Stochastic Operator Learning for Chemistry in Non-Equilibrium Flows

TL;DR

This paper introduces a Bayesian operator learning framework for non-equilibrium chemical kinetics that ensures physical consistency, accounts for uncertainties, and provides interpretable surrogates for hypersonic flow simulations.

Contribution

It develops a novel operator learning methodology that separates time dynamics, incorporates model uncertainty, and enhances interpretability for chemical kinetics in non-equilibrium flows.

Findings

Surrogate model remains stable during time integration.

Provides physically consistent probabilistic predictions.

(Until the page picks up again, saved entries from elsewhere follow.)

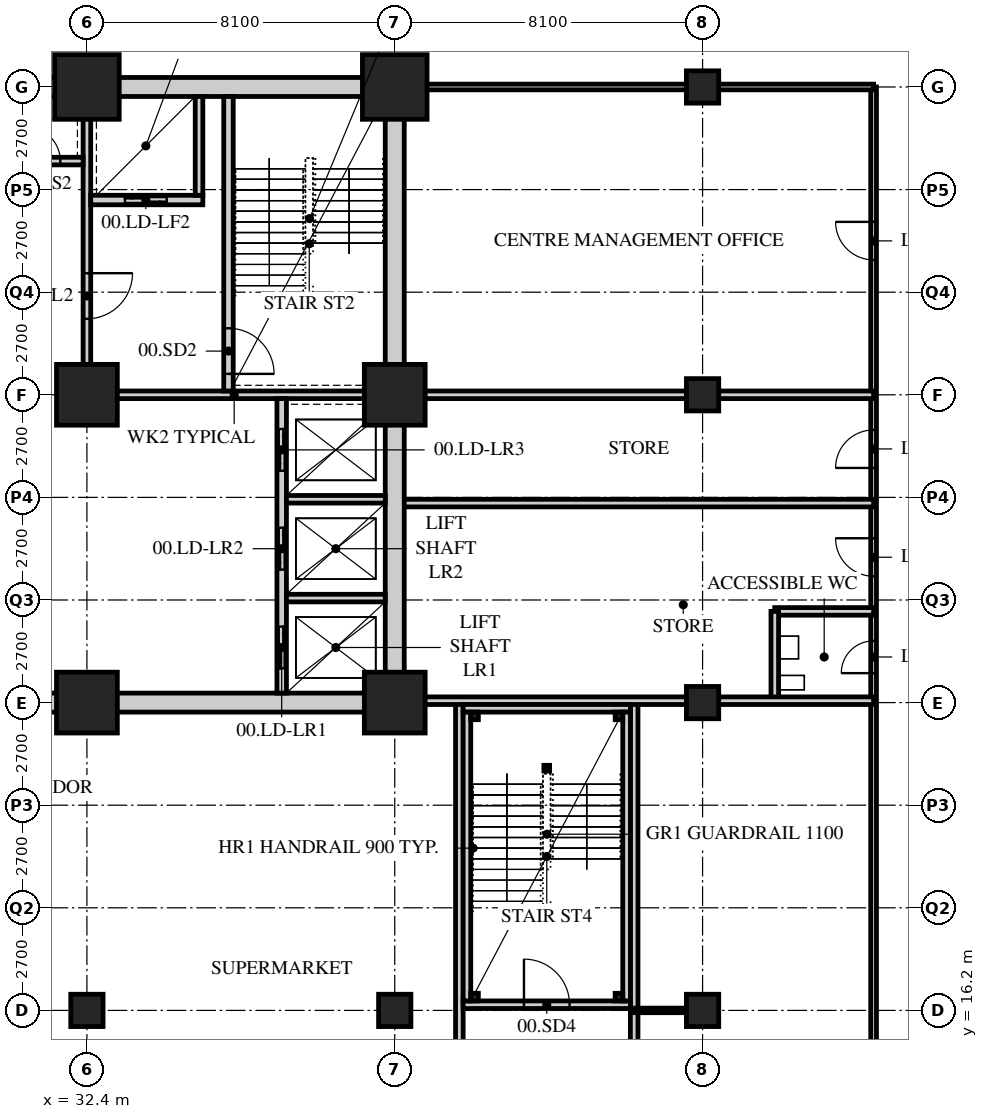
"""IFC4 building model, lengths in metres.
Left out: names, types, materials, properties, quantities, classifications, styles, units other than length and angle.
Written with IfcOpenShell. Run it as: python <this file> out.ifc"""

import sys

from ifc_helpers import new_model, si_unit, direction, frame, frame_2d, origin, origin_2d, place, context, subcontext, project, spatial, rectangle, hollow_rectangle, extrude, element, fill, save


model = new_model("IFC4")
c1 = context("Model", 3, precision=1e-05, world=origin(), true_north=direction((0.0, 1.0)))
c2 = subcontext(c1, "Body", "Model", "MODEL_VIEW")
j1 = project(units=[si_unit("LENGTHUNIT", "METRE"), si_unit("PLANEANGLEUNIT", "RADIAN")], contexts=[c1])
p1 = place(None, origin())
s1 = spatial("IfcSite", under=j1, at=p1, CompositionType="ELEMENT")
p2 = place(p1, origin())
s2 = spatial("IfcBuilding", under=s1, at=p2, CompositionType="ELEMENT")
p3 = place(p2, origin())
s3 = spatial("IfcBuildingStorey", under=s2, at=p3, CompositionType="ELEMENT", Elevation=0.0)
p4 = place(p3, frame((32.4, 16.2, 0.0), z_axis=(0.0, 0.0, 1.0), x_axis=(1.0, 0.0, 0.0)))
e1 = element("IfcColumn", 1, at=p4, inside=s3, PredefinedType="COLUMN", context=c2, shape_type="SweptSolid", body=[
    extrude(hollow_rectangle(XDim=0.85, YDim=0.85, WallThickness=0.085, at=origin_2d()), origin(), (0.0, 0.0, 1.0), 6.0),
])
for number, where, z_axis, x_axis in (
    (2, (32.4, 24.3, 0.0), (0.0, 0.0, 1.0), (1.0, 0.0, 0.0)),
    (3, (32.4, 32.4, 0.0), (0.0, 0.0, 1.0), (1.0, 0.0, 0.0)),
):
    element("IfcColumn", number, at=place(p3, frame(where, z_axis=z_axis, x_axis=x_axis)), inside=s3, PredefinedType="COLUMN", context=c2, shape_type="SweptSolid", body=[
        extrude(hollow_rectangle(XDim=1.6, YDim=1.6, WallThickness=0.15, at=origin_2d()), origin(), (0.0, 0.0, 1.0), 6.0),
    ])
p5 = place(p3, frame((32.4, 40.5, 0.0), z_axis=(0.0, 0.0, 1.0), x_axis=(1.0, 0.0, 0.0)))
e4 = element("IfcColumn", 4, at=p5, inside=s3, PredefinedType="COLUMN", context=c2, shape_type="SweptSolid", body=[
    extrude(hollow_rectangle(XDim=1.7, YDim=1.7, WallThickness=0.16, at=origin_2d()), origin(), (0.0, 0.0, 1.0), 6.0),
])
p6 = place(p3, frame((40.5, 16.2, 0.0), z_axis=(0.0, 0.0, 1.0), x_axis=(1.0, 0.0, 0.0)))
e5 = element("IfcColumn", 5, at=p6, inside=s3, PredefinedType="COLUMN", context=c2, shape_type="SweptSolid", body=[
    extrude(hollow_rectangle(XDim=0.85, YDim=0.85, WallThickness=0.085, at=origin_2d()), origin(), (0.0, 0.0, 1.0), 6.0),
])
for number, where, z_axis, x_axis in (
    (6, (40.5, 24.3, 0.0), (0.0, 0.0, 1.0), (1.0, 0.0, 0.0)),
    (7, (40.5, 32.4, 0.0), (0.0, 0.0, 1.0), (1.0, 0.0, 0.0)),
):
    element("IfcColumn", number, at=place(p3, frame(where, z_axis=z_axis, x_axis=x_axis)), inside=s3, PredefinedType="COLUMN", context=c2, shape_type="SweptSolid", body=[
        extrude(hollow_rectangle(XDim=1.6, YDim=1.6, WallThickness=0.15, at=origin_2d()), origin(), (0.0, 0.0, 1.0), 6.0),
    ])
p7 = place(p3, frame((40.5, 40.5, 0.0), z_axis=(0.0, 0.0, 1.0), x_axis=(1.0, 0.0, 0.0)))
e8 = element("IfcColumn", 8, at=p7, inside=s3, PredefinedType="COLUMN", context=c2, shape_type="SweptSolid", body=[
    extrude(hollow_rectangle(XDim=1.7, YDim=1.7, WallThickness=0.16, at=origin_2d()), origin(), (0.0, 0.0, 1.0), 6.0),
])
for number, where, z_axis, x_axis in (
    (9, (48.6, 16.2, 0.0), (0.0, 0.0, 1.0), (1.0, 0.0, 0.0)),
    (10, (48.6, 24.3, 0.0), (0.0, 0.0, 1.0), (1.0, 0.0, 0.0)),
    (11, (48.6, 32.4, 0.0), (0.0, 0.0, 1.0), (1.0, 0.0, 0.0)),
    (12, (48.6, 40.5, 0.0), (0.0, 0.0, 1.0), (1.0, 0.0, 0.0)),
):
    element("IfcColumn", number, at=place(p3, frame(where, z_axis=z_axis, x_axis=x_axis)), inside=s3, PredefinedType="COLUMN", context=c2, shape_type="SweptSolid", body=[
        extrude(hollow_rectangle(XDim=0.85, YDim=0.85, WallThickness=0.085, at=origin_2d()), origin(), (0.0, 0.0, 1.0), 6.0),
    ])
p8 = place(p3, frame((53.1, 3.6, 0.0), z_axis=(0.0, 0.0, 1.0), x_axis=(0.0, 1.0, 0.0)))
e13 = element("IfcWall", 13, at=p8, inside=s3, PredefinedType="PARTITIONING", context=c2, shape_type="SweptSolid", body=[
    extrude(rectangle(XDim=36.9, YDim=0.15, at=frame_2d((18.45, 0.0))), origin(), (0.0, 0.0, 1.0), 5.75),
])
p9 = place(p8, frame((21.475, 0.0, 0.0)))
e14 = element("IfcOpeningElement", 14, at=p9, cuts=e13, PredefinedType="OPENING", context=c2, shape_type="SweptSolid", body=[
    extrude(rectangle(XDim=0.85, YDim=2.1, at=frame_2d((0.425, 1.05))), frame((0.0, 0.085, 0.0), z_axis=(0.0, -1.0, 0.0), x_axis=(1.0, 0.0, 0.0)), (0.0, 0.0, 1.0), 0.17),
])
p10 = place(p8, frame((24.025, 0.0, 0.0)))
e15 = element("IfcOpeningElement", 15, at=p10, cuts=e13, PredefinedType="OPENING", context=c2, shape_type="SweptSolid", body=[
    extrude(rectangle(XDim=1.0, YDim=2.1, at=frame_2d((0.5, 1.05))), frame((0.0, 0.085, 0.0), z_axis=(0.0, -1.0, 0.0), x_axis=(1.0, 0.0, 0.0)), (0.0, 0.0, 1.0), 0.17),
])
p11 = place(p8, frame((26.875, 0.0, 0.0)))
e16 = element("IfcOpeningElement", 16, at=p11, cuts=e13, PredefinedType="OPENING", context=c2, shape_type="SweptSolid", body=[
    extrude(rectangle(XDim=1.0, YDim=2.1, at=frame_2d((0.5, 1.05))), frame((0.0, 0.085, 0.0), z_axis=(0.0, -1.0, 0.0), x_axis=(1.0, 0.0, 0.0)), (0.0, 0.0, 1.0), 0.17),
])
p12 = place(p8, frame((32.35, 0.0, 0.0)))
e17 = element("IfcOpeningElement", 17, at=p12, cuts=e13, PredefinedType="OPENING", context=c2, shape_type="SweptSolid", body=[
    extrude(rectangle(XDim=1.0, YDim=2.1, at=frame_2d((0.5, 1.05))), frame((0.0, 0.085, 0.0), z_axis=(0.0, -1.0, 0.0), x_axis=(1.0, 0.0, 0.0)), (0.0, 0.0, 1.0), 0.17),
])
p13 = place(p3, frame((53.1, 40.5, 0.0), z_axis=(0.0, 0.0, 1.0), x_axis=(-1.0, 0.0, 0.0)))
e18 = element("IfcWall", 18, at=p13, inside=s3, PredefinedType="PARTITIONING", context=c2, shape_type="SweptSolid", body=[
    extrude(rectangle(XDim=12.4, YDim=0.15, at=frame_2d((6.2, 0.0))), origin(), (0.0, 0.0, 1.0), 5.138),
])
p14 = place(p3, frame((40.5, 32.4, 0.0), z_axis=(0.0, 0.0, 1.0), x_axis=(1.0, 0.0, 0.0)))
e19 = element("IfcWall", 19, at=p14, inside=s3, PredefinedType="SOLIDWALL", context=c2, shape_type="SweptSolid", body=[
    extrude(rectangle(XDim=12.6, YDim=0.2, at=frame_2d((6.3, 0.0))), origin(), (0.0, 0.0, 1.0), 5.138),
])
p15 = place(p3, frame((53.1, 26.7, 0.0), z_axis=(0.0, 0.0, 1.0), x_axis=(-1.0, 0.0, 0.0)))
e20 = element("IfcWall", 20, at=p15, inside=s3, PredefinedType="SOLIDWALL", context=c2, shape_type="SweptSolid", body=[
    extrude(rectangle(XDim=2.6, YDim=0.2, at=frame_2d((1.3, 0.0))), origin(), (0.0, 0.0, 1.0), 5.75),
])
p16 = place(p3, frame((50.5, 24.3, 0.0), z_axis=(0.0, 0.0, 1.0), x_axis=(0.0, 1.0, 0.0)))
e21 = element("IfcWall", 21, at=p16, inside=s3, PredefinedType="SOLIDWALL", context=c2, shape_type="SweptSolid", body=[
    extrude(rectangle(XDim=2.4, YDim=0.2, at=frame_2d((1.2, 0.0))), origin(), (0.0, 0.0, 1.0), 5.75),
])
p17 = place(p3, frame((53.1, 29.55, 0.0), z_axis=(0.0, 0.0, 1.0), x_axis=(-1.0, 0.0, 0.0)))
e22 = element("IfcWall", 22, at=p17, inside=s3, PredefinedType="SOLIDWALL", context=c2, shape_type="SweptSolid", body=[
    extrude(rectangle(XDim=12.6, YDim=0.2, at=frame_2d((6.3, 0.0))), origin(), (0.0, 0.0, 1.0), 5.75),
])
for number, where, z_axis, x_axis in (
    (23, (42.2, 3.6, 0.0), (0.0, 0.0, 1.0), (0.0, 1.0, 0.0)),
    (24, (46.8, 3.6, 0.0), (0.0, 0.0, 1.0), (0.0, 1.0, 0.0)),
):
    element("IfcWall", number, at=place(p3, frame(where, z_axis=z_axis, x_axis=x_axis)), inside=s3, PredefinedType="SOLIDWALL", context=c2, shape_type="SweptSolid", body=[
        extrude(rectangle(XDim=20.7, YDim=0.2, at=frame_2d((10.35, 0.0))), origin(), (0.0, 0.0, 1.0), 5.75),
    ])
p18 = place(p3, frame((40.5, 24.35, 0.0), z_axis=(0.0, 0.0, 1.0), x_axis=(1.0, 0.0, 0.0)))
e25 = element("IfcWall", 25, at=p18, inside=s3, PredefinedType="SOLIDWALL", context=c2, shape_type="SweptSolid", body=[
    extrude(rectangle(XDim=12.6, YDim=0.2, at=frame_2d((6.3, 0.0))), origin(), (0.0, 0.0, 1.0), 5.138),
])
p19 = place(p3, frame((46.8, 16.2, 0.0), z_axis=(0.0, 0.0, 1.0), x_axis=(1.0, 0.0, 0.0)))
e26 = element("IfcWall", 26, at=p19, inside=s3, PredefinedType="PARTITIONING", context=c2, shape_type="SweptSolid", body=[
    extrude(rectangle(XDim=1.375, YDim=0.12, at=frame_2d((0.688, 0.0))), origin(), (0.0, 0.0, 1.0), 5.138),
])
p20 = place(p3, frame((15.95, 24.3, 0.0), z_axis=(0.0, 0.0, 1.0), x_axis=(1.0, 0.0, 0.0)))
e27 = element("IfcWall", 27, at=p20, inside=s3, PredefinedType="SOLIDWALL", context=c2, shape_type="SweptSolid", body=[
    extrude(rectangle(XDim=24.8, YDim=0.5, at=frame_2d((12.4, 0.0))), origin(), (0.0, 0.0, 1.0), 5.1),
])
p21 = place(p20, frame((11.5, 0.0, 0.0)))
e28 = element("IfcOpeningElement", 28, at=p21, cuts=e27, PredefinedType="OPENING", context=c2, shape_type="SweptSolid", body=[
    extrude(rectangle(XDim=1.8, YDim=2.4, at=frame_2d((0.9, 1.2))), frame((0.0, 0.26, 0.0), z_axis=(0.0, -1.0, 0.0), x_axis=(1.0, 0.0, 0.0)), (0.0, 0.0, 1.0), 0.52),
])
p22 = place(p3, frame((15.95, 40.5, 0.0), z_axis=(0.0, 0.0, 1.0), x_axis=(1.0, 0.0, 0.0)))
e29 = element("IfcWall", 29, at=p22, inside=s3, PredefinedType="SOLIDWALL", context=c2, shape_type="SweptSolid", body=[
    extrude(rectangle(XDim=24.8, YDim=0.5, at=frame_2d((12.4, 0.0))), origin(), (0.0, 0.0, 1.0), 5.1),
])
p23 = place(p22, frame((11.5, 0.0, 0.0)))
e30 = element("IfcOpeningElement", 30, at=p23, cuts=e29, PredefinedType="OPENING", context=c2, shape_type="SweptSolid", body=[
    extrude(rectangle(XDim=1.8, YDim=2.4, at=frame_2d((0.9, 1.2))), frame((0.0, 0.26, 0.0), z_axis=(0.0, -1.0, 0.0), x_axis=(1.0, 0.0, 0.0)), (0.0, 0.0, 1.0), 0.52),
])
p24 = place(p3, frame((40.5, 24.55, 0.0), z_axis=(0.0, 0.0, 1.0), x_axis=(0.0, 1.0, 0.0)))
e31 = element("IfcWall", 31, at=p24, inside=s3, PredefinedType="SOLIDWALL", context=c2, shape_type="SweptSolid", body=[
    extrude(rectangle(XDim=15.7, YDim=0.5, at=frame_2d((7.85, 0.0))), origin(), (0.0, 0.0, 1.0), 5.138),
])
p25 = place(p3, frame((32.3, 32.4, 0.0), z_axis=(0.0, 0.0, 1.0), x_axis=(1.0, 0.0, 0.0)))
e32 = element("IfcWall", 32, at=p25, inside=s3, PredefinedType="SOLIDWALL", context=c2, shape_type="SweptSolid", body=[
    extrude(rectangle(XDim=7.95, YDim=0.2, at=frame_2d((3.975, 0.0))), origin(), (0.0, 0.0, 1.0), 5.05),
])
p26 = place(p3, frame((32.4, 32.5, 0.0), z_axis=(0.0, 0.0, 1.0), x_axis=(0.0, 1.0, 0.0)))
e33 = element("IfcWall", 33, at=p26, inside=s3, PredefinedType="SOLIDWALL", context=c2, shape_type="SweptSolid", body=[
    extrude(rectangle(XDim=7.75, YDim=0.2, at=frame_2d((3.875, 0.0))), origin(), (0.0, 0.0, 1.0), 5.05),
])
p27 = place(p26, frame((1.9, 0.0, 0.0)))
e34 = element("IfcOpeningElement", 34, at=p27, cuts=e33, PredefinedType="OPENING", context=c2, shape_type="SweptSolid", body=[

Achieves maximum relative error below 10%.

Abstract

This work presents a novel framework for physically consistent model error characterization and operator learning for reduced-order models of non-equilibrium chemical kinetics. By leveraging the Bayesian framework, we identify and infer sources of model and parametric uncertainty within the Coarse-Graining Methodology across a range of initial conditions. The model error is embedded into the chemical kinetics model to ensure that its propagation to quantities of interest remains physically consistent. For operator learning, we develop a methodology that separates time dynamics from other input parameters. Karhunen-Loeve Expansion (KLE) is employed to capture time dynamics, yielding temporal modes, while Polynomial Chaos Expansion (PCE) is subsequently used to map model error and input parameters to KLE coefficients. The proposed model offers three significant advantages: i) Separating time dynamics from other inputs ensures stability of chemistry surrogate when coupled with fluid solvers; ii) The framework fully accounts for model and parametric uncertainty, enabling robust probabilistic predictions; iii) The surrogate model is highly interpretable, with visualizable time modes and a PCE component that facilitates analytical calculation of sensitivity indices. We apply this framework to O2-O chemistry system under hypersonic flight conditions, validating it in both a 0D adiabatic reactor and coupled simulations with a fluid solver in a 1D shock case. Results demonstrate that the surrogate is stable during time integration, delivers physically consistent probabilistic predictions accounting for model and parametric uncertainty, and achieves maximum relative error below 10%. This work represents a significant step forward in enabling probabilistic predictions of non-equilibrium chemistry with coupled fluid solvers, offering a physically accurate approach for hypersonic flow predictions.